|
«Les Suisses giflent leurs autorités»:
lors des votations du 16 mai, le Conseil fédéral a subi une défaite sur toute la ligne.
Agostino Soldini
Le jugement ci-dessus de la Tribune de Genève n’est guère excessif. Les projets du Conseil fédéral – le paquet fiscal, la 11e révision de l’AVS et la hausse de la TVA – ont été balayés. Deux claques en février, trois gifles en mai: après l’avertissement du 8 février (le rejet du contre-projet Avanti et du nouveau droit du bail), c’est un camouflet à la politique antisociale du gouvernement.
Avec le paquet fiscal et la 11e révision de l’AVS, le Conseil fédéral voulait accélérer le démantèlement des services publics et les attaques contre le droit à la retraite. L’issue des votations du 16 mai n’est dès lors pas une défaite mineure pour les «sept sages de Berne» et leurs maîtres, les patrons des grandes banques, des assurances et de l’industrie.
Ce camouflet infligé au gouvernement n’est pas une victoire de ladite «gauche», Parti socialiste suisse (PSS) en tête. Les dirigeant·e·s de cette «gauche» ont en effet été les partisan·e·s les plus actif·ve·s, avec Pascal Couchepin, du projet de hausse de la TVA. Ruth Dreifuss a même déclaré que «l’acceptation [de la hausse de la TVA] est aussi nécessaire qu’un rejet de la 11e révision de l’AVS» (Le Temps, 23 avril 2004).
Le résultat de ces votations est une victoire des salarié·e·s, actifs·ves, au chômage ou à la retraite, contre celles et ceux «d’en haut», quelles que soient leurs couleurs partisanes. Il est l’expression d’un mécontentement diffus face à la politique antisociale menée par le Conseil fédéral. Il traduit un rejet de cette politique. L’écart réduit entre les trois NON (le taux de refus varie entre 65,9% et 68,6%) confirme ce jugement: c’est un NON à un seul et même paquet antisocial et à ses expéditeurs.
Ce mécontentement est pleinement justifié face à un gouvernement de coalition (UDC, PRD, PDC, PSS) qui mène une lutte des classes contre les salarié·e·s: hausse sans fin des primes d’assurance maladie, baisse du taux d’intérêt servi sur les rentes du 2e pilier, démantèlement de La Poste en tant que service public, diminution des indemnités pour les chômeurs·euses, augmentation des taxes universitaires, etc. La coupe était pleine!

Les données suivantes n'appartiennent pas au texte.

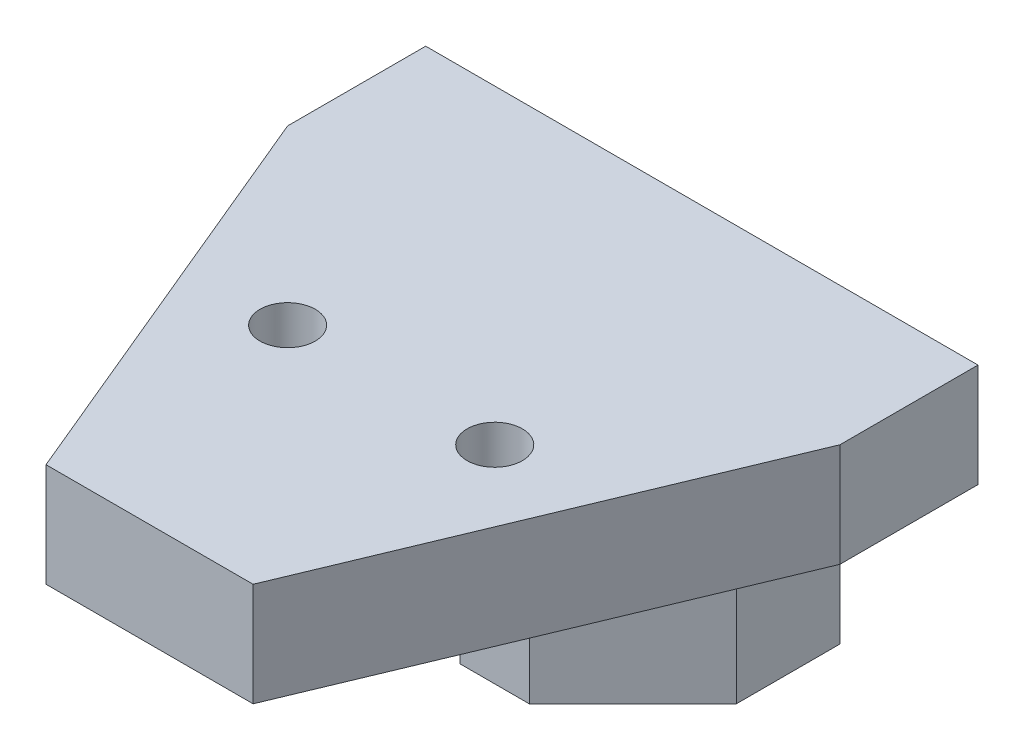
ISO-10303-21;
HEADER;
FILE_DESCRIPTION(('STEP AP214'),'2;1');
FILE_NAME('part.step','',(''),(''),'','','');
FILE_SCHEMA(('AUTOMOTIVE_DESIGN { 1 0 10303 214 1 1 1 1 }'));
ENDSEC;
DATA;
#1=APPLICATION_CONTEXT('core data for automotive mechanical design processes');
#2=APPLICATION_PROTOCOL_DEFINITION('international standard','automotive_design',2000,#1);
#3=PRODUCT_CONTEXT('',#1,'mechanical');
#4=PRODUCT('Part','Part','',(#3));
#5=PRODUCT_RELATED_PRODUCT_CATEGORY('part','',(#4));
#6=PRODUCT_DEFINITION_FORMATION('','',#4);
#7=PRODUCT_DEFINITION_CONTEXT('part definition',#1,'design');
#8=PRODUCT_DEFINITION('design','',#6,#7);
#9=PRODUCT_DEFINITION_SHAPE('','',#8);
#10=(LENGTH_UNIT() NAMED_UNIT(*) SI_UNIT(.MILLI.,.METRE.));
#11=(NAMED_UNIT(*) PLANE_ANGLE_UNIT() SI_UNIT($,.RADIAN.));
#12=(NAMED_UNIT(*) SI_UNIT($,.STERADIAN.) SOLID_ANGLE_UNIT());
#13=UNCERTAINTY_MEASURE_WITH_UNIT(LENGTH_MEASURE(1.E-05),#10,'distance_accuracy_value','');
#14=(GEOMETRIC_REPRESENTATION_CONTEXT(3) GLOBAL_UNCERTAINTY_ASSIGNED_CONTEXT((#13)) GLOBAL_UNIT_ASSIGNED_CONTEXT((#10,
#11,#12)) REPRESENTATION_CONTEXT('',''));
#15=CARTESIAN_POINT('',(0.,0.,0.));
#16=DIRECTION('',(0.,0.,1.));
#17=DIRECTION('',(1.,0.,0.));
#18=AXIS2_PLACEMENT_3D('',#15,#16,#17);
#19=CARTESIAN_POINT('',(0.,0.,20.));
#20=DIRECTION('',(0.,1.,0.));
#21=DIRECTION('',(0.,0.,1.));
#22=AXIS2_PLACEMENT_3D('',#19,#20,#21);
#23=PLANE('',#22);
#24=CARTESIAN_POINT('',(25.,0.,45.));
#25=DIRECTION('',(0.,-1.,0.));
#26=DIRECTION('',(0.,0.,-1.));
#27=AXIS2_PLACEMENT_3D('',#24,#25,#26);
#28=CIRCLE('',#27,4.);
#29=CARTESIAN_POINT('',(25.,0.,41.));
#30=VERTEX_POINT('',#29);
#31=EDGE_CURVE('E304',#30,#30,#28,.T.);
#32=ORIENTED_EDGE('',*,*,#31,.F.);
#33=EDGE_LOOP('',(#32));
#34=FACE_BOUND('',#33,.T.);
#35=CARTESIAN_POINT('',(55.,0.,45.));
#36=DIRECTION('',(0.,-1.,0.));
#37=DIRECTION('',(0.,0.,-1.));
#38=AXIS2_PLACEMENT_3D('',#35,#36,#37);
#39=CIRCLE('',#38,4.);
#40=CARTESIAN_POINT('',(55.,0.,41.));
#41=VERTEX_POINT('',#40);
#42=EDGE_CURVE('E305',#41,#41,#39,.T.);
#43=ORIENTED_EDGE('',*,*,#42,.F.);
#44=EDGE_LOOP('',(#43));
#45=FACE_BOUND('',#44,.T.);
#46=DIRECTION('',(0.,0.,-1.));
#47=VECTOR('',#46,1.);
#48=CARTESIAN_POINT('',(20.,0.,0.));
#49=LINE('',#48,#47);
#50=CARTESIAN_POINT('',(20.,0.,15.));
#51=VERTEX_POINT('',#50);
#52=CARTESIAN_POINT('',(20.,0.,0.));
#53=VERTEX_POINT('',#52);
#54=EDGE_CURVE('E58',#51,#53,#49,.T.);
#55=ORIENTED_EDGE('',*,*,#54,.F.);
#56=DIRECTION('',(-0.707106781186548,0.,-0.707106781186547));
#57=VECTOR('',#56,1.);
#58=CARTESIAN_POINT('',(35.,0.,30.));
#59=LINE('',#58,#57);
#60=CARTESIAN_POINT('',(35.,0.,30.));
#61=VERTEX_POINT('',#60);
#62=EDGE_CURVE('E64',#61,#51,#59,.T.);
#63=ORIENTED_EDGE('',*,*,#62,.F.);
#64=DIRECTION('',(-1.,0.,0.));
#65=VECTOR('',#64,1.);
#66=CARTESIAN_POINT('',(40.,0.,30.));
#67=LINE('',#66,#65);
#68=CARTESIAN_POINT('',(45.,0.,30.));
#69=VERTEX_POINT('',#68);
#70=EDGE_CURVE('E174',#69,#61,#67,.T.);
#71=ORIENTED_EDGE('',*,*,#70,.F.);
#72=DIRECTION('',(-0.707106781186547,0.,0.707106781186547));
#73=VECTOR('',#72,1.);
#74=CARTESIAN_POINT('',(45.,0.,30.));
#75=LINE('',#74,#73);
#76=CARTESIAN_POINT('',(60.,0.,15.));
#77=VERTEX_POINT('',#76);
#78=EDGE_CURVE('E168',#77,#69,#75,.T.);
#79=ORIENTED_EDGE('',*,*,#78,.F.);
#80=DIRECTION('',(0.,0.,1.));
#81=VECTOR('',#80,1.);
#82=CARTESIAN_POINT('',(60.,0.,0.));
#83=LINE('',#82,#81);
#84=CARTESIAN_POINT('',(60.,0.,0.));
#85=VERTEX_POINT('',#84);
#86=EDGE_CURVE('E169',#85,#77,#83,.T.);
#87=ORIENTED_EDGE('',*,*,#86,.F.);
#88=DIRECTION('',(1.,0.,0.));
#89=VECTOR('',#88,1.);
#90=CARTESIAN_POINT('',(0.,0.,0.));
#91=LINE('',#90,#89);
#92=CARTESIAN_POINT('',(80.,0.,0.));
#93=VERTEX_POINT('',#92);
#94=EDGE_CURVE('E146',#85,#93,#91,.T.);
#95=ORIENTED_EDGE('',*,*,#94,.T.);
#96=DIRECTION('',(0.,0.,-1.));
#97=VECTOR('',#96,1.);
#98=CARTESIAN_POINT('',(80.,0.,20.));
#99=LINE('',#98,#97);
#100=CARTESIAN_POINT('',(80.,0.,20.));
#101=VERTEX_POINT('',#100);
#102=EDGE_CURVE('E52',#101,#93,#99,.T.);
#103=ORIENTED_EDGE('',*,*,#102,.F.);
#104=DIRECTION('',(-0.384615384615385,0.,0.923076923076923));
#105=VECTOR('',#104,1.);
#106=CARTESIAN_POINT('',(55.,0.,80.));
#107=LINE('',#106,#105);
#108=CARTESIAN_POINT('',(55.,0.,80.));
#109=VERTEX_POINT('',#108);
#110=EDGE_CURVE('E203',#101,#109,#107,.T.);
#111=ORIENTED_EDGE('',*,*,#110,.T.);
#112=DIRECTION('',(-1.,0.,0.));
#113=VECTOR('',#112,1.);
#114=CARTESIAN_POINT('',(40.,0.,80.));
#115=LINE('',#114,#113);
#116=CARTESIAN_POINT('',(25.,0.,80.));
#117=VERTEX_POINT('',#116);
#118=EDGE_CURVE('E193',#109,#117,#115,.T.);
#119=ORIENTED_EDGE('',*,*,#118,.T.);
#120=DIRECTION('',(-0.384615384615385,0.,-0.923076923076923));
#121=VECTOR('',#120,1.);
#122=CARTESIAN_POINT('',(0.,0.,20.));
#123=LINE('',#122,#121);
#124=CARTESIAN_POINT('',(0.,0.,20.));
#125=VERTEX_POINT('',#124);
#126=EDGE_CURVE('E209',#117,#125,#123,.T.);
#127=ORIENTED_EDGE('',*,*,#126,.T.);
#128=DIRECTION('',(0.,0.,-1.));
#129=VECTOR('',#128,1.);
#130=CARTESIAN_POINT('',(0.,0.,20.));
#131=LINE('',#130,#129);
#132=CARTESIAN_POINT('',(0.,0.,0.));
#133=VERTEX_POINT('',#132);
#134=EDGE_CURVE('E11',#125,#133,#131,.T.);
#135=ORIENTED_EDGE('',*,*,#134,.T.);
#136=EDGE_CURVE('E226',#133,#53,#91,.T.);
#137=ORIENTED_EDGE('',*,*,#136,.T.);
#138=EDGE_LOOP('',(#55,#63,#71,#79,#87,#95,#103,#111,#119,#127,#135,#137));
#139=FACE_BOUND('',#138,.T.);
#140=ADVANCED_FACE('F44',(#34,#45,#139),#23,.F.);
#141=CARTESIAN_POINT('',(0.,10.,20.));
#142=DIRECTION('',(1.,0.,0.));
#143=DIRECTION('',(0.,0.,-1.));
#144=AXIS2_PLACEMENT_3D('',#141,#142,#143);
#145=PLANE('',#144);
#146=DIRECTION('',(0.,-1.,0.));
#147=VECTOR('',#146,1.);
#148=CARTESIAN_POINT('',(0.,10.,0.));
#149=LINE('',#148,#147);
#150=CARTESIAN_POINT('',(0.,15.,0.));
#151=VERTEX_POINT('',#150);
#152=EDGE_CURVE('E217',#151,#133,#149,.T.);
#153=ORIENTED_EDGE('',*,*,#152,.T.);
#154=ORIENTED_EDGE('',*,*,#134,.F.);
#155=DIRECTION('',(0.,-1.,0.));
#156=VECTOR('',#155,1.);
#157=CARTESIAN_POINT('',(0.,10.,20.));
#158=LINE('',#157,#156);
#159=CARTESIAN_POINT('',(0.,15.,20.));
#160=VERTEX_POINT('',#159);
#161=EDGE_CURVE('E219',#160,#125,#158,.T.);
#162=ORIENTED_EDGE('',*,*,#161,.F.);
#163=DIRECTION('',(0.,0.,-1.));
#164=VECTOR('',#163,1.);
#165=CARTESIAN_POINT('',(0.,15.,20.));
#166=LINE('',#165,#164);
#167=EDGE_CURVE('E192',#160,#151,#166,.T.);
#168=ORIENTED_EDGE('',*,*,#167,.T.);
#169=EDGE_LOOP('',(#153,#154,#162,#168));
#170=FACE_BOUND('',#169,.T.);
#171=ADVANCED_FACE('F50',(#170),#145,.F.);
#172=CARTESIAN_POINT('',(80.,0.,20.));
#173=DIRECTION('',(-1.,0.,0.));
#174=DIRECTION('',(0.,0.,1.));
#175=AXIS2_PLACEMENT_3D('',#172,#173,#174);
#176=PLANE('',#175);
#177=DIRECTION('',(0.,1.,0.));
#178=VECTOR('',#177,1.);
#179=CARTESIAN_POINT('',(80.,0.,0.));
#180=LINE('',#179,#178);
#181=CARTESIAN_POINT('',(80.,15.,0.));
#182=VERTEX_POINT('',#181);
#183=EDGE_CURVE('E221',#93,#182,#180,.T.);
#184=ORIENTED_EDGE('',*,*,#183,.T.);
#185=DIRECTION('',(0.,0.,-1.));
#186=VECTOR('',#185,1.);
#187=CARTESIAN_POINT('',(80.,15.,20.));
#188=LINE('',#187,#186);
#189=CARTESIAN_POINT('',(80.,15.,20.));
#190=VERTEX_POINT('',#189);
#191=EDGE_CURVE('E194',#190,#182,#188,.T.);
#192=ORIENTED_EDGE('',*,*,#191,.F.);
#193=DIRECTION('',(0.,1.,0.));
#194=VECTOR('',#193,1.);
#195=CARTESIAN_POINT('',(80.,0.,20.));
#196=LINE('',#195,#194);
#197=EDGE_CURVE('E224',#101,#190,#196,.T.);
#198=ORIENTED_EDGE('',*,*,#197,.F.);
#199=ORIENTED_EDGE('',*,*,#102,.T.);
#200=EDGE_LOOP('',(#184,#192,#198,#199));
#201=FACE_BOUND('',#200,.T.);
#202=ADVANCED_FACE('F235',(#201),#176,.F.);
#203=CARTESIAN_POINT('',(0.,0.,0.));
#204=DIRECTION('',(0.,0.,1.));
#205=DIRECTION('',(1.,0.,0.));
#206=AXIS2_PLACEMENT_3D('',#203,#204,#205);
#207=PLANE('',#206);
#208=ORIENTED_EDGE('',*,*,#152,.F.);
#209=DIRECTION('',(1.,0.,0.));
#210=VECTOR('',#209,1.);
#211=CARTESIAN_POINT('',(80.,15.,0.));
#212=LINE('',#211,#210);
#213=EDGE_CURVE('E151',#151,#182,#212,.T.);
#214=ORIENTED_EDGE('',*,*,#213,.T.);
#215=ORIENTED_EDGE('',*,*,#183,.F.);
#216=ORIENTED_EDGE('',*,*,#94,.F.);
#217=DIRECTION('',(0.,1.,0.));
#218=VECTOR('',#217,1.);
#219=CARTESIAN_POINT('',(60.,-30.,0.));
#220=LINE('',#219,#218);
#221=CARTESIAN_POINT('',(60.,-30.,0.));
#222=VERTEX_POINT('',#221);
#223=EDGE_CURVE('E144',#222,#85,#220,.T.);
#224=ORIENTED_EDGE('',*,*,#223,.F.);
#225=DIRECTION('',(1.,0.,0.));
#226=VECTOR('',#225,1.);
#227=CARTESIAN_POINT('',(40.,-30.,0.));
#228=LINE('',#227,#226);
#229=CARTESIAN_POINT('',(20.,-30.,0.));
#230=VERTEX_POINT('',#229);
#231=EDGE_CURVE('E133',#230,#222,#228,.T.);
#232=ORIENTED_EDGE('',*,*,#231,.F.);
#233=DIRECTION('',(0.,1.,0.));
#234=VECTOR('',#233,1.);
#235=CARTESIAN_POINT('',(20.,-30.,0.));
#236=LINE('',#235,#234);
#237=EDGE_CURVE('E170',#230,#53,#236,.T.);
#238=ORIENTED_EDGE('',*,*,#237,.T.);
#239=ORIENTED_EDGE('',*,*,#136,.F.);
#240=EDGE_LOOP('',(#208,#214,#215,#216,#224,#232,#238,#239));
#241=FACE_BOUND('',#240,.T.);
#242=ADVANCED_FACE('F148',(#241),#207,.F.);
#243=CARTESIAN_POINT('',(55.,15.,80.));
#244=DIRECTION('',(0.923076923076923,0.,0.384615384615385));
#245=DIRECTION('',(0.384615384615385,0.,-0.923076923076923));
#246=AXIS2_PLACEMENT_3D('',#243,#244,#245);
#247=PLANE('',#246);
#248=ORIENTED_EDGE('',*,*,#110,.F.);
#249=ORIENTED_EDGE('',*,*,#197,.T.);
#250=DIRECTION('',(-0.384615384615385,0.,0.923076923076923));
#251=VECTOR('',#250,1.);
#252=CARTESIAN_POINT('',(55.,15.,80.));
#253=LINE('',#252,#251);
#254=CARTESIAN_POINT('',(55.,15.,80.));
#255=VERTEX_POINT('',#254);
#256=EDGE_CURVE('E204',#190,#255,#253,.T.);
#257=ORIENTED_EDGE('',*,*,#256,.T.);
#258=DIRECTION('',(0.,-1.,0.));
#259=VECTOR('',#258,1.);
#260=CARTESIAN_POINT('',(55.,15.,80.));
#261=LINE('',#260,#259);
#262=EDGE_CURVE('E214',#255,#109,#261,.T.);
#263=ORIENTED_EDGE('',*,*,#262,.T.);
#264=EDGE_LOOP('',(#248,#249,#257,#263));
#265=FACE_BOUND('',#264,.T.);
#266=ADVANCED_FACE('F244',(#265),#247,.T.);
#267=CARTESIAN_POINT('',(0.,15.,20.));
#268=DIRECTION('',(-0.923076923076923,0.,0.384615384615385));
#269=DIRECTION('',(0.384615384615385,0.,0.923076923076923));
#270=AXIS2_PLACEMENT_3D('',#267,#268,#269);
#271=PLANE('',#270);
#272=ORIENTED_EDGE('',*,*,#126,.F.);
#273=DIRECTION('',(0.,-1.,0.));
#274=VECTOR('',#273,1.);
#275=CARTESIAN_POINT('',(25.,15.,80.));
#276=LINE('',#275,#274);
#277=CARTESIAN_POINT('',(25.,15.,80.));
#278=VERTEX_POINT('',#277);
#279=EDGE_CURVE('E210',#278,#117,#276,.T.);
#280=ORIENTED_EDGE('',*,*,#279,.F.);
#281=DIRECTION('',(-0.384615384615385,0.,-0.923076923076923));
#282=VECTOR('',#281,1.);
#283=CARTESIAN_POINT('',(0.,15.,20.));
#284=LINE('',#283,#282);
#285=EDGE_CURVE('E199',#278,#160,#284,.T.);
#286=ORIENTED_EDGE('',*,*,#285,.T.);
#287=ORIENTED_EDGE('',*,*,#161,.T.);
#288=EDGE_LOOP('',(#272,#280,#286,#287));
#289=FACE_BOUND('',#288,.T.);
#290=ADVANCED_FACE('F248',(#289),#271,.T.);
#291=CARTESIAN_POINT('',(40.,15.,80.));
#292=DIRECTION('',(0.,0.,1.));
#293=DIRECTION('',(1.,0.,0.));
#294=AXIS2_PLACEMENT_3D('',#291,#292,#293);
#295=PLANE('',#294);
#296=ORIENTED_EDGE('',*,*,#118,.F.);
#297=ORIENTED_EDGE('',*,*,#262,.F.);
#298=DIRECTION('',(-1.,0.,0.));
#299=VECTOR('',#298,1.);
#300=CARTESIAN_POINT('',(40.,15.,80.));
#301=LINE('',#300,#299);
#302=EDGE_CURVE('E196',#255,#278,#301,.T.);
#303=ORIENTED_EDGE('',*,*,#302,.T.);
#304=ORIENTED_EDGE('',*,*,#279,.T.);
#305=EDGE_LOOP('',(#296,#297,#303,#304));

Un vrai changement de cap, conforme à la volonté sociale qui s’est manifestée le 16 mai dernier, est indispensable. Or, que font les dirigeant·e·s du PSS? Ils multiplient les appels du pied à l’intention de ladite «droite raisonnable». Le vice-président du PSS, Pierre-Yves Maillard, prétendument combatif, a même déclaré: «Le PDC doit être uni avec nous pour constituer un véritable centre» (Le Nouvelliste, 18 mai 2004).
A nouveau, l’idée d’une table ronde (ou carrée?) refait surface… Sa fonction est claire: faire passer le message auprès du «petit peuple», «qui n’a pas encore compris», Couchepin dixit, que la situation est «grave». Et qu’elle exige des «sacrifices». La tactique est connue. Ancienne. Consolidée. Rolf Schweiger, le nouveau président des radicaux, l’a expliquée: «Si tous les grands partis s’unissent pour faire passer le message, les gens comprendront qu’il y a vraiment un problème» (Le Temps, 18 mai 2004). Pourtant, la direction du PSS a décidé d’entrer dans ce jeu…
Ce théâtre des guignols n’empêchera pas le Conseil fédéral de poursuivre sa politique antisociale. Le menu est connu:
1. La hausse de la TVA (mais n’y a-t-il pas eu un vote à ce sujet le 16 mai?), donc une nouvelle baisse du pouvoir d’achat des salarié·e·s.
2. Des cadeaux fiscaux aux actionnaires à hauteur de plus de 1 milliard de francs.
3. La «mise au travail forcée» de nombreuses personnes qui sont aujourd’hui à l’AI.
4. La poursuite de la politique d’austérité contre les services publics: à La Poste, aux CFF, dans les écoles et les hôpitaux.
5. Pour couronner le tout, l’augmentation à 20%, au lieu de 10%, de notre participation financière aux frais médicaux (en sus des primes, qui prennent l’ascenseur chaque année!). En attendant de pouvoir revenir à la charge avec l’élévation de l’âge de la retraite et la baisse des rentes AVS…
Pour une gauche de gauche, l’enjeu est clair: il faut préparer les batailles contre ces projets et faire en sorte que le mécontentement social s’exprime sous la forme d’actions collectives pour imposer une autre politique.